In [None]:
%pip -q install transformer_lens
%pip -q install circuitsvis

## Import Libraries

In [None]:
# Import stuff
import torch
import torch.nn as nn
import torch.nn.functional as F
import torch.optim as optim
import numpy as np
import pandas as pd

import einops
#from fancy_einsum import einsum
import os
import tqdm.auto as tqdm
import random
from pathlib import Path
import plotly.express as px
from torch.utils.data import DataLoader

from typing import List, Union, Optional
from functools import partial
import copy

import itertools
from transformers import AutoModelForCausalLM, AutoConfig, AutoTokenizer
import dataclasses
import datasets
from IPython.display import HTML

In [None]:
import transformer_lens
import transformer_lens.utils as utils
from transformer_lens.hook_points import (
    HookedRootModule,
    HookPoint,
)  # Hooking utilities
from transformer_lens import HookedTransformer, HookedTransformerConfig, FactoredMatrix, ActivationCache


device = "cuda" if torch.cuda.is_available() else "cpu"

In [None]:
def imshow(tensor, renderer=None, xaxis="", yaxis="", **kwargs):
    px.imshow(utils.to_numpy(tensor), color_continuous_midpoint=0.0, color_continuous_scale="RdBu", labels={"x":xaxis, "y":yaxis}, **kwargs).show(renderer)

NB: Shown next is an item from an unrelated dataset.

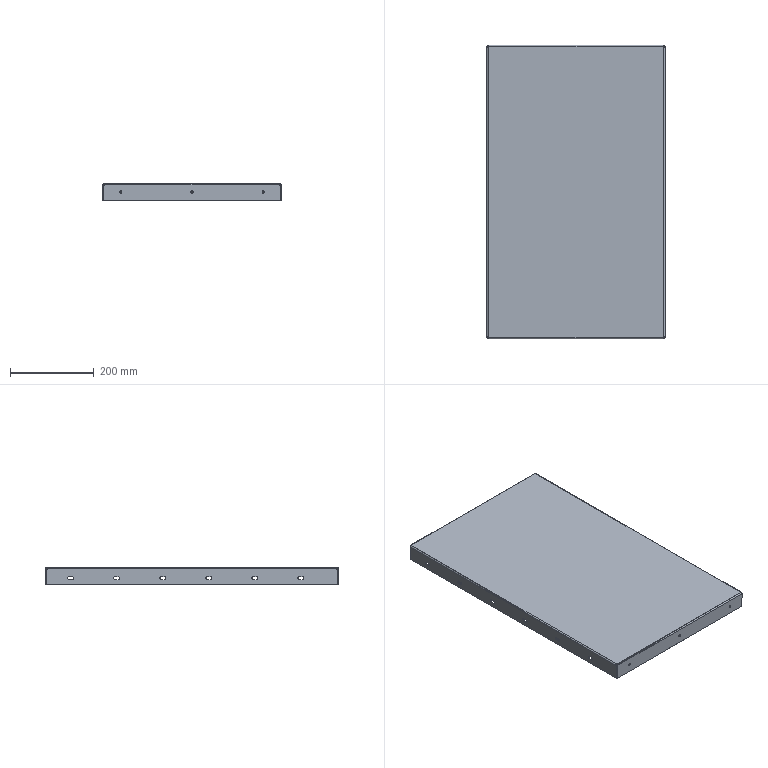Component | SolidWorks | DrawerAssembly-1_Drawer-1 | 1 solid | 128 faces | volume 758526 mm3 | plane 78 | cylinder 50 | commonest cylinder face diameters 7 x36 5 x6 6 x4 2 x4

def line(tensor, renderer=None, xaxis="", yaxis="", **kwargs):
    px.line(utils.to_numpy(tensor), labels={"x":xaxis, "y":yaxis}, **kwargs).show(renderer)

def scatter(x, y, xaxis="", yaxis="", caxis="", renderer=None, **kwargs):
    x = utils.to_numpy(x)
    y = utils.to_numpy(y)
    px.scatter(y=y, x=x, labels={"x":xaxis, "y":yaxis, "color":caxis}, **kwargs).show(renderer)

In [None]:
# Define the location to save the model, using a relative path
PTH_LOCATION = "workspace/_scratch/grokking_xor1.pth"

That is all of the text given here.